Tagged PDF PDF 1.4 introduced "Tagged PDF" to represent the logical reading order (structure) of a document. It defines a set of standard structure types and attributes that allow page content (text, graphics and images, as well as annotations and form fields) to be extracted and reused for other purposes. PDF/UA uses Tagged PDF to ensure electronic documents are fully accessible. For technical details see clause 14.8 of ISO 32000-2:2020.
trailer is a reserved PDF keyword and defines the start of the trailer dictionary. The trailer enables a PDF processor to quickly find certain special objects and data, such as the largest object number in the PDF, the Document Catalog and the optional encryption dictionary (if the PDF is encrypted). It is an essential part of every PDF file.
Widgets A PDF widget is a specialized type of PDF annotation used with interactive forms and represents the GUI widgets through which data entry is done.
XFA XFA stands for "XML Forms Architecture" which is a family of proprietary XML specifications supporting both static and dynamic forms. As a proprietary format with limited support in PDF processors, XFA was deprecated in PDF 2.0 (ISO 32000-2:2020) but was permitted in PDF 1.5 - 1.7.
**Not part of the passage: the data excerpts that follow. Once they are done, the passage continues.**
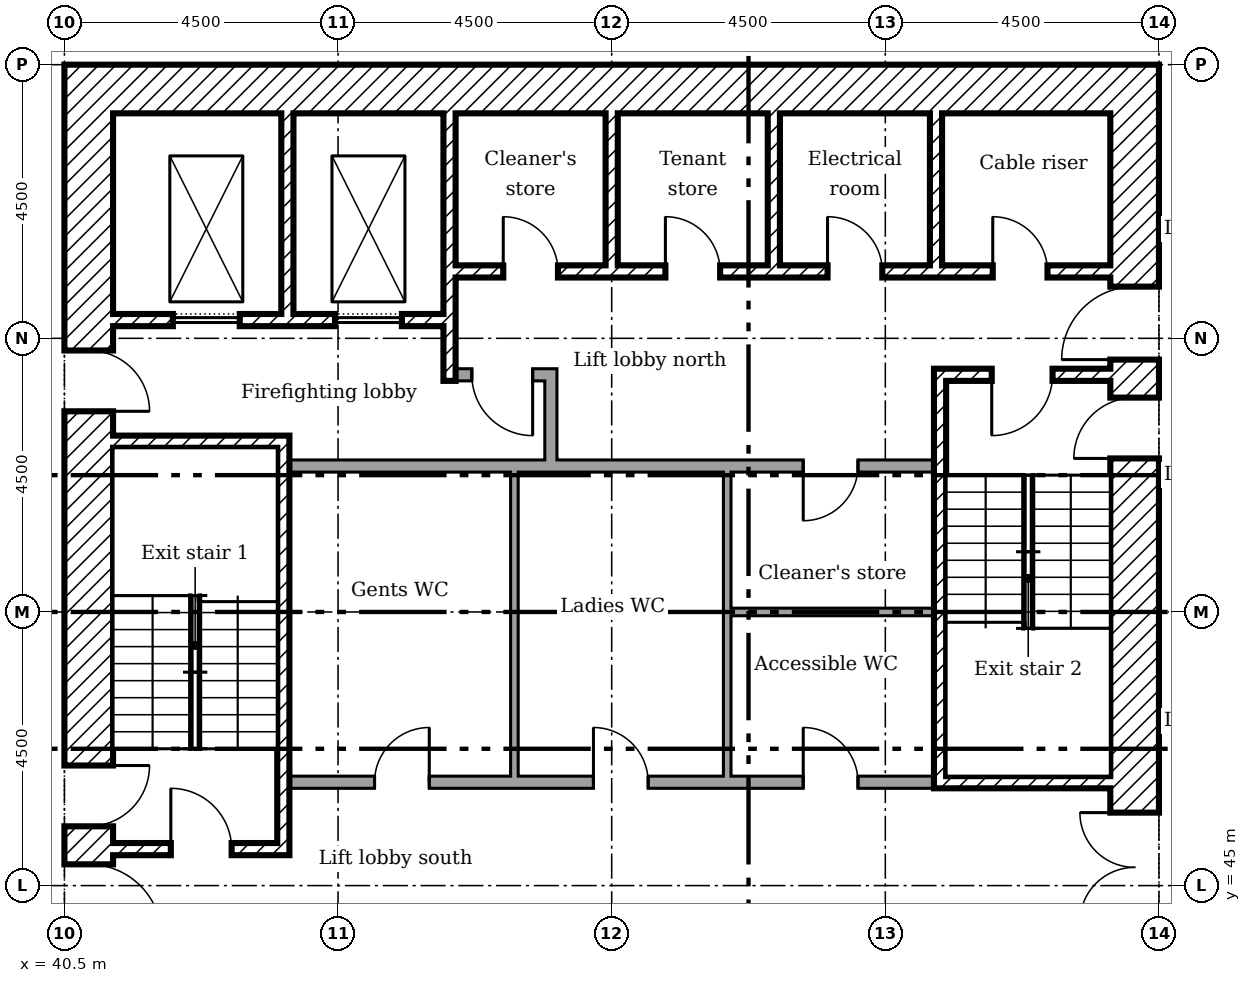
"""IFC4 building model, lengths in metres.
Left out: names, types, materials, properties, quantities, classifications, styles, units other than length and angle.
Written with IfcOpenShell. Run it as: python <this file> out.ifc"""

import sys

from ifc_helpers import new_model, si_unit, direction, frame, frame_2d, origin, place, context, subcontext, project, spatial, rectangle, extrude, element, fill, save


model = new_model("IFC4")
c1 = context("Model", 3, precision=1e-05, world=origin(), true_north=direction((0.0, 1.0)))
c2 = subcontext(c1, "Body", "Model", "MODEL_VIEW")
j1 = project(units=[si_unit("LENGTHUNIT", "METRE"), si_unit("PLANEANGLEUNIT", "RADIAN")], contexts=[c1])
p1 = place(None, origin())
s1 = spatial("IfcSite", under=j1, at=p1, CompositionType="ELEMENT")
p2 = place(p1, origin())
s2 = spatial("IfcBuilding", under=s1, at=p2, CompositionType="ELEMENT")
p3 = place(p2, frame((0.0, 0.0, 72.6)))
s3 = spatial("IfcBuildingStorey", under=s2, at=p3, CompositionType="ELEMENT", Elevation=72.6)
p4 = place(p3, frame((58.1, 40.5, 0.0), z_axis=(0.0, 0.0, 1.0), x_axis=(0.0, 1.0, 0.0)))
e1 = element("IfcWall", 1, at=p4, inside=s3, PredefinedType="SHEAR", context=c2, shape_type="SweptSolid", body=[
    extrude(rectangle(XDim=18.0, YDim=0.8, at=frame_2d((9.0, 0.0))), origin(), (0.0, 0.0, 1.0), 3.35),
])
p5 = place(p4, frame((13.15, 0.0, 0.0)))
e2 = element("IfcOpeningElement", 2, at=p5, cuts=e1, PredefinedType="OPENING", context=c2, shape_type="SweptSolid", body=[
    extrude(rectangle(XDim=1.2, YDim=2.1, at=frame_2d((0.6, 1.05))), frame((0.0, 0.41, 0.0), z_axis=(0.0, -1.0, 0.0), x_axis=(1.0, 0.0, 0.0)), (0.0, 0.0, 1.0), 0.82),
])
p6 = place(p4, frame((3.9, 0.0, 0.0)))
e3 = element("IfcOpeningElement", 3, at=p6, cuts=e1, PredefinedType="OPENING", context=c2, shape_type="SweptSolid", body=[
    extrude(rectangle(XDim=1.8, YDim=2.1, at=frame_2d((0.9, 1.05))), frame((0.0, 0.41, 0.0), z_axis=(0.0, -1.0, 0.0), x_axis=(1.0, 0.0, 0.0)), (0.0, 0.0, 1.0), 0.82),
])
p7 = place(p4, frame((11.525, 0.0, 0.0)))
e4 = element("IfcOpeningElement", 4, at=p7, cuts=e1, PredefinedType="OPENING", context=c2, shape_type="SweptSolid", body=[
    extrude(rectangle(XDim=1.0, YDim=2.1, at=frame_2d((0.5, 1.05))), frame((0.0, 0.41, 0.0), z_axis=(0.0, -1.0, 0.0), x_axis=(1.0, 0.0, 0.0)), (0.0, 0.0, 1.0), 0.82),
])
p8 = place(p3, frame((41.3, 58.1, 0.0)))
e5 = element("IfcWall", 5, at=p8, inside=s3, PredefinedType="SHEAR", context=c2, shape_type="SweptSolid", body=[
    extrude(rectangle(XDim=16.4, YDim=0.8, at=frame_2d((8.2, 0.0))), origin(), (0.0, 0.0, 1.0), 3.35),
])
p9 = place(p3, frame((40.9, 40.5, 0.0), z_axis=(0.0, 0.0, 1.0), x_axis=(0.0, 1.0, 0.0)))
e6 = element("IfcWall", 6, at=p9, inside=s3, PredefinedType="SHEAR", context=c2, shape_type="SweptSolid", body=[
    extrude(rectangle(XDim=18.0, YDim=0.8, at=frame_2d((9.0, 0.0))), origin(), (0.0, 0.0, 1.0), 3.35),
])
p10 = place(p9, frame((3.65, 0.0, 0.0)))
e7 = element("IfcOpeningElement", 7, at=p10, cuts=e6, PredefinedType="OPENING", context=c2, shape_type="SweptSolid", body=[
    extrude(rectangle(XDim=1.2, YDim=2.1, at=frame_2d((0.6, 1.05))), frame((0.0, 0.41, 0.0), z_axis=(0.0, -1.0, 0.0), x_axis=(1.0, 0.0, 0.0)), (0.0, 0.0, 1.0), 0.82),
])
p11 = place(p9, frame((5.475, 0.0, 0.0)))
e8 = element("IfcOpeningElement", 8, at=p11, cuts=e6, PredefinedType="OPENING", context=c2, shape_type="SweptSolid", body=[
    extrude(rectangle(XDim=1.0, YDim=2.1, at=frame_2d((0.5, 1.05))), frame((0.0, 0.41, 0.0), z_axis=(0.0, -1.0, 0.0), x_axis=(1.0, 0.0, 0.0)), (0.0, 0.0, 1.0), 0.82),
])
p12 = place(p9, frame((12.3, 0.0, 0.0)))
e9 = element("IfcOpeningElement", 9, at=p12, cuts=e6, PredefinedType="OPENING", context=c2, shape_type="SweptSolid", body=[
    extrude(rectangle(XDim=1.0, YDim=2.1, at=frame_2d((0.5, 1.05))), frame((0.0, 0.41, 0.0), z_axis=(0.0, -1.0, 0.0), x_axis=(1.0, 0.0, 0.0)), (0.0, 0.0, 1.0), 0.82),
])
p13 = place(p3, frame((44.167, 57.7, 0.0), z_axis=(0.0, 0.0, 1.0), x_axis=(0.0, -1.0, 0.0)))
e10 = element("IfcWall", 10, at=p13, inside=s3, PredefinedType="SHEAR", context=c2, shape_type="SweptSolid", body=[
    extrude(rectangle(XDim=3.3, YDim=0.2, at=frame_2d((1.65, 0.0))), origin(), (0.0, 0.0, 1.0), 3.35),
])
p14 = place(p3, frame((46.833, 57.7, 0.0), z_axis=(0.0, 0.0, 1.0), x_axis=(0.0, -1.0, 0.0)))
e11 = element("IfcWall", 11, at=p14, inside=s3, PredefinedType="SHEAR", context=c2, shape_type="SweptSolid", body=[
    extrude(rectangle(XDim=4.4, YDim=0.2, at=frame_2d((2.2, 0.0))), origin(), (0.0, 0.0, 1.0), 3.35),
])
for number, where, z_axis, x_axis in (
    (12, (49.5, 57.7, 0.0), (0.0, 0.0, 1.0), (0.0, -1.0, 0.0)),
    (13, (52.167, 57.7, 0.0), (0.0, 0.0, 1.0), (0.0, -1.0, 0.0)),
    (14, (54.833, 57.7, 0.0), (0.0, 0.0, 1.0), (0.0, -1.0, 0.0)),
):
    element("IfcWall", number, at=place(p3, frame(where, z_axis=z_axis, x_axis=x_axis)), inside=s3, PredefinedType="SHEAR", context=c2, shape_type="SweptSolid", body=[
        extrude(rectangle(XDim=2.5, YDim=0.2, at=frame_2d((1.25, 0.0))), origin(), (0.0, 0.0, 1.0), 3.35),
    ])
p15 = place(p3, frame((48.5, 51.9, 0.0), z_axis=(0.0, 0.0, 1.0), x_axis=(0.0, 1.0, 0.0)))
e15 = element("IfcWall", 15, at=p15, inside=s3, PredefinedType="PARTITIONING", context=c2, shape_type="SweptSolid", body=[
    extrude(rectangle(XDim=1.6, YDim=0.2, at=frame_2d((0.8, 0.0))), origin(), (0.0, 0.0, 1.0), 3.35),
])
p16 = place(p3, frame((46.933, 53.4, 0.0)))
e16 = element("IfcWall", 16, at=p16, inside=s3, PredefinedType="PARTITIONING", context=c2, shape_type="SweptSolid", body=[
    extrude(rectangle(XDim=1.467, YDim=0.2, at=frame_2d((0.733, 0.0))), origin(), (0.0, 0.0, 1.0), 3.35),
])
p17 = place(p16, frame((0.267, 0.0, 0.0)))
e17 = element("IfcOpeningElement", 17, at=p17, cuts=e16, PredefinedType="OPENING", context=c2, shape_type="SweptSolid", body=[
    extrude(rectangle(XDim=1.0, YDim=2.1, at=frame_2d((0.5, 1.05))), frame((0.0, 0.11, 0.0), z_axis=(0.0, -1.0, 0.0), x_axis=(1.0, 0.0, 0.0)), (0.0, 0.0, 1.0), 0.22),
])
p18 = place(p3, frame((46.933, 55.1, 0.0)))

XFDF  XFDF is the XML equivalent of FDF. It is defined by ISO 19444-1:2019 Document management - XML Forms Data Format — Part 1: Use of ISO 32000-2 (XFDF 3.0).
XMP XMP stands for the eXtensible Metadata Platform which is an XML-based standard for metadata used in PDF and required by all ISO PDF subset standards. XMP is defined by ISO 16684-1:2019 Graphic technology — Extensible metadata platform (XMP) — Part 1: Data model, serialization and core properties.
xref is a reserved PDF keyword used to identify the start of a conventional cross-reference table. It is also commonly used colloquially in place of the phrase "cross-reference". PDF 1.5 and later files that only use cross-reference streams do not use this keyword. PDF files that have incremental updates may have multiple instances of this keyword.